In this repo we will look at a deep learning method to find the camera roll. Lets get started!
As we took equirectangular photos from the camera, we started identifying the roll values by the shape of the sine wave. So, we decided why not try Machine Learning method to figure out the camera roll values automatically from the photos.
- Python
- Tensorflow
- Numpy
- Matplotlib
Data: We took some images of varying roll values and placed them in folder that specified their roll values. The image_dataset_from_directory method automatically labels the images by the their parent directory name. The labels were 0, 45, 90, 135, 180, 225, 270, 315, 360.
Model: We Used a pre-trained VGG-16 model for identifying roll values. The optimizer used in the model was RMSprop with learning rate of .0001 and the loss function was categorical_crossentropy. We trained the model for 30 epochs.
Results: We got 88% accuracy on the training data and 84% accuracy on validation data(which was used for tuning the hyperparameters). We also made a separate directory for test data. The images in the test data was not seen by the model before and the model gave the accuracy of 75%.

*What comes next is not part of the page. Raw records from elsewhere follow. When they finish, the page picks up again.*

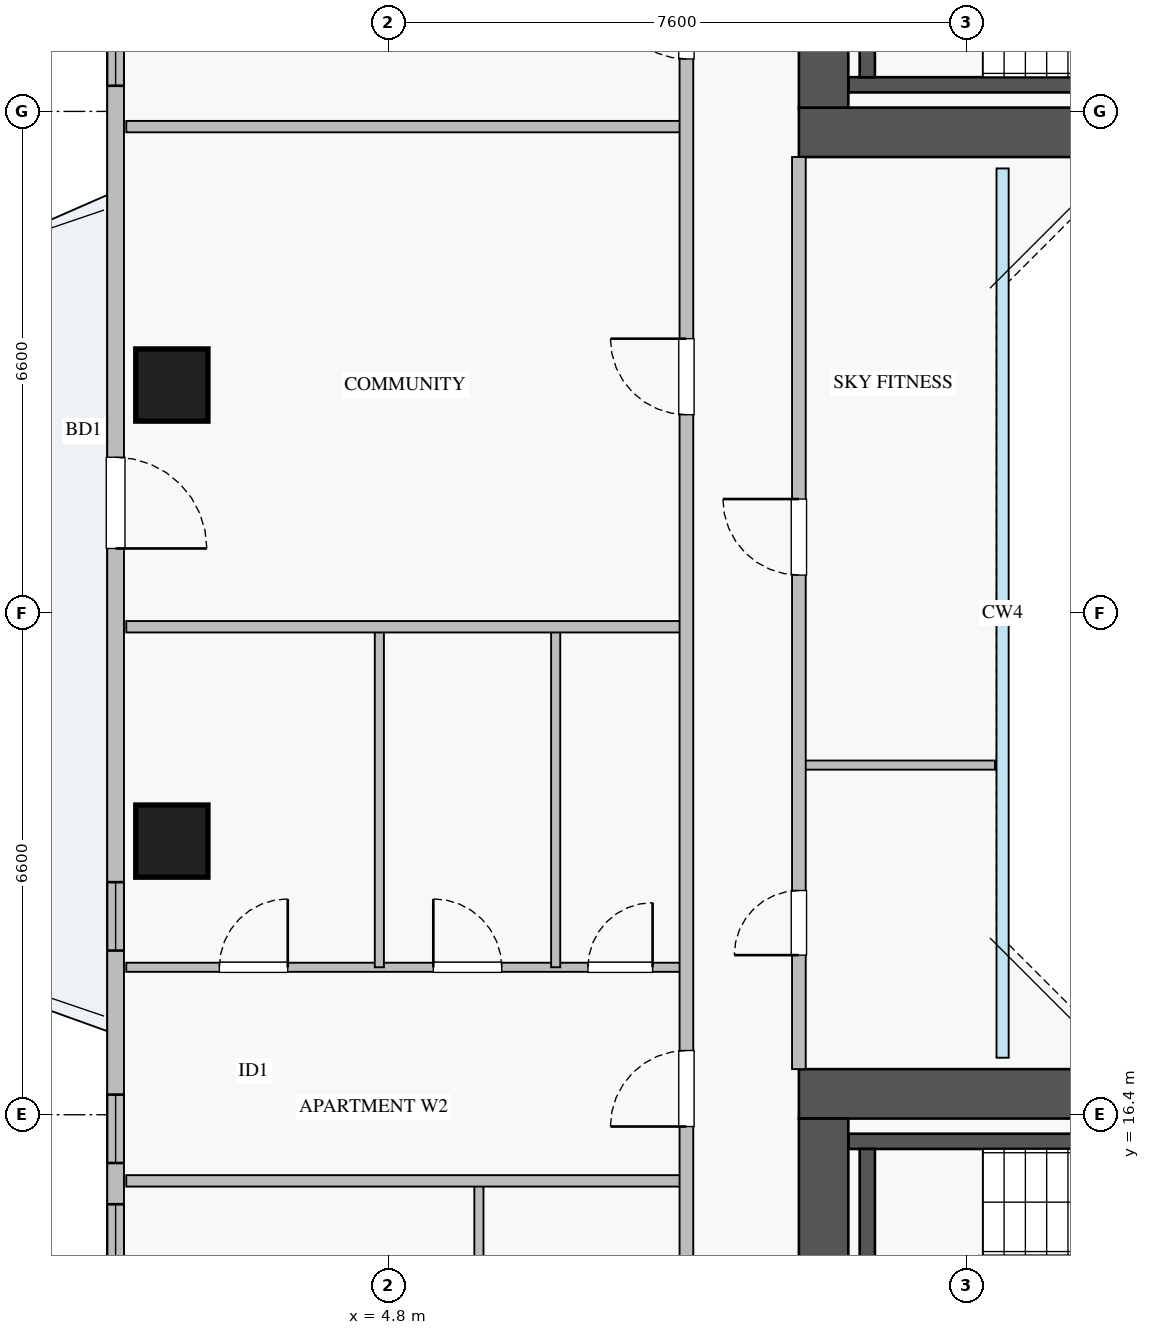
"""IFC4 building model, lengths in metres.
Left out: names, types, materials, properties, quantities, classifications, styles, units other than length and angle.
Written with IfcOpenShell. Run it as: python <this file> out.ifc"""

import sys

from ifc_helpers import new_model, si_unit, direction, frame, frame_2d, origin, origin_2d, place, context, subcontext, project, spatial, rectangle, extrude, source, transform, mapped, element, fill, save


model = new_model("IFC4")
c1 = context("Model", 3, precision=1e-05, world=origin(), true_north=direction((0.0, 1.0)))
c2 = subcontext(c1, "Body", "Model", "MODEL_VIEW")
j1 = project(units=[si_unit("LENGTHUNIT", "METRE"), si_unit("PLANEANGLEUNIT", "RADIAN")], contexts=[c1])
p1 = place(None, origin())
s1 = spatial("IfcSite", under=j1, at=p1, CompositionType="ELEMENT")
p2 = place(p1, origin())
s2 = spatial("IfcBuilding", under=s1, at=p2, CompositionType="ELEMENT")
p3 = place(p2, frame((0.0, 0.0, 182.75)))
s3 = spatial("IfcBuildingStorey", under=s2, at=p3, CompositionType="ELEMENT", Elevation=182.75)
p4 = place(p3, frame((10.85, 29.95, 0.0), z_axis=(0.0, 0.0, 1.0), x_axis=(1.0, 0.0, 0.0)))
e1 = element("IfcWall", 1, at=p4, inside=s3, PredefinedType="SHEAR", context=c2, shape_type="SweptSolid", body=[
    extrude(rectangle(XDim=7.3, YDim=0.2, at=frame_2d((3.65, 0.0))), origin(), (0.0, 0.0, 1.0), 3.25),
])
p5 = place(p3, frame((11.1, 30.05, 0.0), z_axis=(0.0, 0.0, 1.0), x_axis=(0.0, 1.0, 0.0)))
e2 = element("IfcWall", 2, at=p5, inside=s3, PredefinedType="SHEAR", context=c2, shape_type="SweptSolid", body=[
    extrude(rectangle(XDim=2.94, YDim=0.2, at=frame_2d((1.47, 0.0))), origin(), (0.0, 0.0, 1.0), 3.25),
])
p6 = place(p3, frame((10.85, 16.05, 0.0), z_axis=(0.0, 0.0, 1.0), x_axis=(1.0, 0.0, 0.0)))
e3 = element("IfcWall", 3, at=p6, inside=s3, PredefinedType="SHEAR", context=c2, shape_type="SweptSolid", body=[
    extrude(rectangle(XDim=7.3, YDim=0.2, at=frame_2d((3.65, 0.0))), origin(), (0.0, 0.0, 1.0), 3.25),
])
p7 = place(p3, frame((11.1, 13.01, 0.0), z_axis=(0.0, 0.0, 1.0), x_axis=(0.0, 1.0, 0.0)))
e4 = element("IfcWall", 4, at=p7, inside=s3, PredefinedType="SHEAR", context=c2, shape_type="SweptSolid", body=[
    extrude(rectangle(XDim=2.94, YDim=0.2, at=frame_2d((1.47, 0.0))), origin(), (0.0, 0.0, 1.0), 3.25),
])
p8 = place(p3, frame((10.2, 29.325, 0.0), z_axis=(0.0, 0.0, 1.0), x_axis=(1.0, 0.0, 0.0)))
e5 = element("IfcWall", 5, at=p8, inside=s3, PredefinedType="SHEAR", context=c2, shape_type="SweptSolid", body=[
    extrude(rectangle(XDim=17.6, YDim=0.65, at=frame_2d((8.8, 0.0))), origin(), (0.0, 0.0, 1.0), 3.25),
])
p9 = place(p3, frame((10.525, 29.65, 0.0), z_axis=(0.0, 0.0, 1.0), x_axis=(0.0, 1.0, 0.0)))
e6 = element("IfcWall", 6, at=p9, inside=s3, PredefinedType="SHEAR", context=c2, shape_type="SweptSolid", body=[
    extrude(rectangle(XDim=5.9, YDim=0.65, at=frame_2d((2.95, 0.0))), origin(), (0.0, 0.0, 1.0), 3.25),
])
p10 = place(p3, frame((10.2, 16.675, 0.0), z_axis=(0.0, 0.0, 1.0), x_axis=(1.0, 0.0, 0.0)))
e7 = element("IfcWall", 7, at=p10, inside=s3, PredefinedType="SHEAR", context=c2, shape_type="SweptSolid", body=[
    extrude(rectangle(XDim=17.6, YDim=0.65, at=frame_2d((8.8, 0.0))), origin(), (0.0, 0.0, 1.0), 3.25),
])
p11 = place(p3, frame((10.525, 10.45, 0.0), z_axis=(0.0, 0.0, 1.0), x_axis=(0.0, 1.0, 0.0)))
e8 = element("IfcWall", 8, at=p11, inside=s3, PredefinedType="SHEAR", context=c2, shape_type="SweptSolid", body=[
    extrude(rectangle(XDim=5.9, YDim=0.65, at=frame_2d((2.95, 0.0))), origin(), (0.0, 0.0, 1.0), 3.25),
])
m1 = source(origin(), c2, "Body", "SweptSolid", [
    extrude(rectangle(XDim=0.95, YDim=0.95, at=origin_2d()), origin(), (0.0, 0.0, 1.0), 3.25),
])
for number, where, z_axis, x_axis in (
    (9, (1.95, 26.0, 0.0), (0.0, 0.0, 1.0), (1.0, 0.0, 0.0)),
    (10, (1.95, 20.0, 0.0), (0.0, 0.0, 1.0), (1.0, 0.0, 0.0)),
):
    element("IfcColumn", number, at=place(p3, frame(where, z_axis=z_axis, x_axis=x_axis)), inside=s3, PredefinedType="COLUMN", context=c2, shape_type="MappedRepresentation", body=[
        mapped(m1, transform((0.0, 0.0, 0.0), x_axis=(1.0, 0.0, 0.0), y_axis=(0.0, 1.0, 0.0), z_axis=(0.0, 0.0, 1.0), scale=1.0)),
    ])
p12 = place(p3, frame((1.21, 10.55, 0.0), z_axis=(0.0, 0.0, 1.0), x_axis=(0.0, 1.0, 0.0)))
e11 = element("IfcWall", 11, at=p12, inside=s3, PredefinedType="STANDARD", context=c2, shape_type="SweptSolid", body=[
    extrude(rectangle(XDim=24.9, YDim=0.22, at=frame_2d((12.45, 0.0))), origin(), (0.0, 0.0, 1.0), 2.57),
])
p13 = place(p12, frame((13.3, 0.0, 0.0)))
e12 = element("IfcOpeningElement", 12, at=p13, cuts=e11, PredefinedType="OPENING", context=c2, shape_type="SweptSolid", body=[
    extrude(rectangle(XDim=1.2, YDim=2.1, at=frame_2d((0.6, 1.05))), frame((0.0, 0.12, 0.0), z_axis=(0.0, -1.0, 0.0), x_axis=(1.0, 0.0, 0.0)), (0.0, 0.0, 1.0), 0.24),
])
p14 = place(p12, frame((2.573, 0.0, 0.9)))
e13 = element("IfcOpeningElement", 13, at=p14, cuts=e11, PredefinedType="OPENING", context=c2, shape_type="SweptSolid", body=[
    extrude(rectangle(XDim=2.1, YDim=1.5, at=frame_2d((1.05, 0.75))), frame((0.0, 0.12, 0.0), z_axis=(0.0, -1.0, 0.0), x_axis=(1.0, 0.0, 0.0)), (0.0, 0.0, 1.0), 0.24),
])
p15 = place(p12, frame((19.387, 0.0, 0.9)))
e14 = element("IfcOpeningElement", 14, at=p15, cuts=e11, PredefinedType="OPENING", context=c2, shape_type="SweptSolid", body=[
    extrude(rectangle(XDim=2.1, YDim=1.5, at=frame_2d((1.05, 0.75))), frame((0.0, 0.12, 0.0), z_axis=(0.0, -1.0, 0.0), x_axis=(1.0, 0.0, 0.0)), (0.0, 0.0, 1.0), 0.24),
])
p16 = place(p12, frame((22.24, 0.0, 0.9)))
e15 = element("IfcOpeningElement", 15, at=p16, cuts=e11, PredefinedType="OPENING", context=c2, shape_type="SweptSolid", body=[
    extrude(rectangle(XDim=2.4, YDim=1.5, at=frame_2d((1.2, 0.75))), frame((0.0, 0.12, 0.0), z_axis=(0.0, -1.0, 0.0), x_axis=(1.0, 0.0, 0.0)), (0.0, 0.0, 1.0), 0.24),
])
p17 = place(p12, frame((0.25, 0.0, 0.9)))
e16 = element("IfcOpeningElement", 16, at=p17, cuts=e11, PredefinedType="OPENING", context=c2, shape_type="SweptSolid", body=[
    extrude(rectangle(XDim=0.9, YDim=1.2, at=frame_2d((0.45, 0.6))), frame((0.0, 0.12, 0.0), z_axis=(0.0, -1.0, 0.0), x_axis=(1.0, 0.0, 0.0)), (0.0, 0.0, 1.0), 0.24),
])
p18 = place(p12, frame((8.01, 0.0, 0.9)))
e17 = element("IfcOpeningElement", 17, at=p18, cuts=e11, PredefinedType="OPENING", context=c2, shape_type="SweptSolid", body=[
    extrude(rectangle(XDim=0.9, YDim=1.2, at=frame_2d((0.45, 0.6))), frame((0.0, 0.12, 0.0), z_axis=(0.0, -1.0, 0.0), x_axis=(1.0, 0.0, 0.0)), (0.0, 0.0, 1.0), 0.24),
])
p19 = place(p12, frame((5.215, 0.0, 0.9)))
e18 = element("IfcOpeningElement", 18, at=p19, cuts=e11, PredefinedType="OPENING", context=c2, shape_type="SweptSolid", body=[
    extrude(rectangle(XDim=0.9, YDim=1.2, at=frame_2d((0.45, 0.6))), frame((0.0, 0.12, 0.0), z_axis=(0.0, -1.0, 0.0), x_axis=(1.0, 0.0, 0.0)), (0.0, 0.0, 1.0), 0.24),
])
p20 = place(p3, frame((5.99, 12.83, 0.0), z_axis=(0.0, 0.0, 1.0), x_axis=(0.0, 1.0, 0.0)))
e19 = element("IfcWall", 19, at=p20, inside=s3, PredefinedType="PLUMBINGWALL", context=c2, shape_type="SweptSolid", body=[
    extrude(rectangle(XDim=2.7, YDim=0.12, at=frame_2d((1.35, 0.0))), origin(), (0.0, 0.0, 1.0), 2.825),
])
p21 = place(p3, frame((1.35, 18.34, 0.0), z_axis=(0.0, 0.0, 1.0), x_axis=(1.0, 0.0, 0.0)))
e20 = element("IfcWall", 20, at=p21, inside=s3, PredefinedType="PLUMBINGWALL", context=c2, shape_type="SweptSolid", body=[
    extrude(rectangle(XDim=7.37, YDim=0.12, at=frame_2d((3.685, 0.0))), origin(), (0.0, 0.0, 1.0), 2.731),
])
p22 = place(p21, frame((1.225, 0.0, 0.0)))
e21 = element("IfcOpeningElement", 21, at=p22, cuts=e20, PredefinedType="OPENING", context=c2, shape_type="SweptSolid", body=[
    extrude(rectangle(XDim=0.9, YDim=2.05, at=frame_2d((0.45, 1.025))), frame((0.0, 0.07, 0.0), z_axis=(0.0, -1.0, 0.0), x_axis=(1.0, 0.0, 0.0)), (0.0, 0.0, 1.0), 0.14),
])
p23 = place(p21, frame((4.04, 0.0, 0.0)))
e22 = element("IfcOpeningElement", 22, at=p23, cuts=e20, PredefinedType="OPENING", context=c2, shape_type="SweptSolid", body=[
    extrude(rectangle(XDim=0.9, YDim=2.05, at=frame_2d((0.45, 1.025))), frame((0.0, 0.07, 0.0), z_axis=(0.0, -1.0, 0.0), x_axis=(1.0, 0.0, 0.0)), (0.0, 0.0, 1.0), 0.14),
])
p24 = place(p21, frame((6.075, 0.0, 0.0)))
e23 = element("IfcOpeningElement", 23, at=p24, cuts=e20, PredefinedType="OPENING", context=c2, shape_type="SweptSolid", body=[
    extrude(rectangle(XDim=0.85, YDim=2.05, at=frame_2d((0.425, 1.025))), frame((0.0, 0.07, 0.0), z_axis=(0.0, -1.0, 0.0), x_axis=(1.0, 0.0, 0.0)), (0.0, 0.0, 1.0), 0.14),
])
for number, where, z_axis, x_axis in (
    (24, (4.68, 18.34, 0.0), (0.0, 0.0, 1.0), (0.0, 1.0, 0.0)),
    (25, (7.0, 18.34, 0.0), (0.0, 0.0, 1.0), (0.0, 1.0, 0.0)),
):
    element("IfcWall", number, at=place(p3, frame(where, z_axis=z_axis, x_axis=x_axis)), inside=s3, PredefinedType="PLUMBINGWALL", context=c2, shape_type="SweptSolid", body=[
        extrude(rectangle(XDim=4.48, YDim=0.12, at=frame_2d((2.24, 0.0))), origin(), (0.0, 0.0, 1.0), 3.03),
    ])
for number, where, z_axis, x_axis in (
    (26, (1.35, 15.53, 0.0), (0.0, 0.0, 1.0), (1.0, 0.0, 0.0)),
    (27, (1.35, 22.82, 0.0), (0.0, 0.0, 1.0), (1.0, 0.0, 0.0)),
    (28, (1.35, 29.4, 0.0), (0.0, 0.0, 1.0), (1.0, 0.0, 0.0)),
):
    element("IfcWall", number, at=place(p3, frame(where, z_axis=z_axis, x_axis=x_axis)), inside=s3, PredefinedType="PARTITIONING", context=c2, shape_type="SweptSolid", body=[
        extrude(rectangle(XDim=7.37, YDim=0.15, at=frame_2d((3.685, 0.0))), origin(), (0.0, 0.0, 1.0), 3.03),
    ])
p25 = place(p3, frame((8.72, 8.31, 0.0), z_axis=(0.0, 0.0, 1.0), x_axis=(0.0, 1.0, 0.0)))
e29 = element("IfcWall", 29, at=p25, inside=s3, PredefinedType="PARTITIONING", context=c2, shape_type="SweptSolid", body=[
    extrude(rectangle(XDim=29.37, YDim=0.18, at=frame_2d((14.685, 0.0))), origin(), (0.0, 0.0, 1.0), 3.03),
])
p26 = place(p25, frame((28.06, 0.0, 0.0)))
e30 = element("IfcOpeningElement", 30, at=p26, cuts=e29, PredefinedType="OPENING", context=c2, shape_type="SweptSolid", body=[
    extrude(rectangle(XDim=0.9, YDim=2.05, at=frame_2d((0.45, 1.025))), frame((0.0, 0.1, 0.0), z_axis=(0.0, -1.0, 0.0), x_axis=(1.0, 0.0, 0.0)), (0.0, 0.0, 1.0), 0.2),
])
p27 = place(p25, frame((0.24, 0.0, 0.0)))
e31 = element("IfcOpeningElement", 31, at=p27, cuts=e29, PredefinedType="OPENING", context=c2, shape_type="SweptSolid", body=[
    extrude(rectangle(XDim=0.9, YDim=2.05, at=frame_2d((0.45, 1.025))), frame((0.0, 0.1, 0.0), z_axis=(0.0, -1.0, 0.0), x_axis=(1.0, 0.0, 0.0)), (0.0, 0.0, 1.0), 0.2),
])
p28 = place(p25, frame((2.25, 0.0, 0.0)))
e32 = element("IfcOpeningElement", 32, at=p28, cuts=e29, PredefinedType="OPENING", context=c2, shape_type="SweptSolid", body=[
    extrude(rectangle(XDim=1.0, YDim=2.05, at=frame_2d((0.5, 1.025))), frame((0.0, 0.1, 0.0), z_axis=(0.0, -1.0, 0.0), x_axis=(1.0, 0.0, 0.0)), (0.0, 0.0, 1.0), 0.2),
])
p29 = place(p25, frame((7.935, 0.0, 0.0)))
e33 = element("IfcOpeningElement", 33, at=p29, cuts=e29, PredefinedType="OPENING", context=c2, shape_type="SweptSolid", body=[
    extrude(rectangle(XDim=1.0, YDim=2.05, at=frame_2d((0.5, 1.025))), frame((0.0, 0.1, 0.0), z_axis=(0.0, -1.0, 0.0), x_axis=(1.0, 0.0, 0.0)), (0.0, 0.0, 1.0), 0.2),
])
p30 = place(p25, frame((17.3, 0.0, 0.0)))
e34 = element("IfcOpeningElement", 34, at=p30, cuts=e29, PredefinedType="OPENING", context=c2, shape_type="SweptSolid", body=[
    extrude(rectangle(XDim=1.0, YDim=2.05, at=frame_2d((0.5, 1.025))), frame((0.0, 0.1, 0.0), z_axis=(0.0, -1.0, 0.0), x_axis=(1.0, 0.0, 0.0)), (0.0, 0.0, 1.0), 0.2),
])
p31 = place(p25, frame((21.98, 0.0, 0.0)))
e35 = element("IfcOpeningElement", 35, at=p31, cuts=e29, PredefinedType="OPENING", context=c2, shape_type="SweptSolid", body=[
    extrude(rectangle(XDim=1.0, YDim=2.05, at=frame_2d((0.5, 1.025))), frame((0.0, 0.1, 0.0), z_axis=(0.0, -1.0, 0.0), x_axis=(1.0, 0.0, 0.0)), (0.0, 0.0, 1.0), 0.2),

- The dataset used for the training was quite small. The accuracy can be increased by using a larger dataset of images
- Using more precise labelling technique, such as using a gyroscope with the camera. The gyroscope can be configured by using arduino. As the images will be taken by the camera the gyroscope with the help of arduino can record the image label, which can later be used for training the model.
- Updating the model by adding a regression network at the end and using L2 loss function (Mean Squared Loss). This will output a real number in the range 0-360.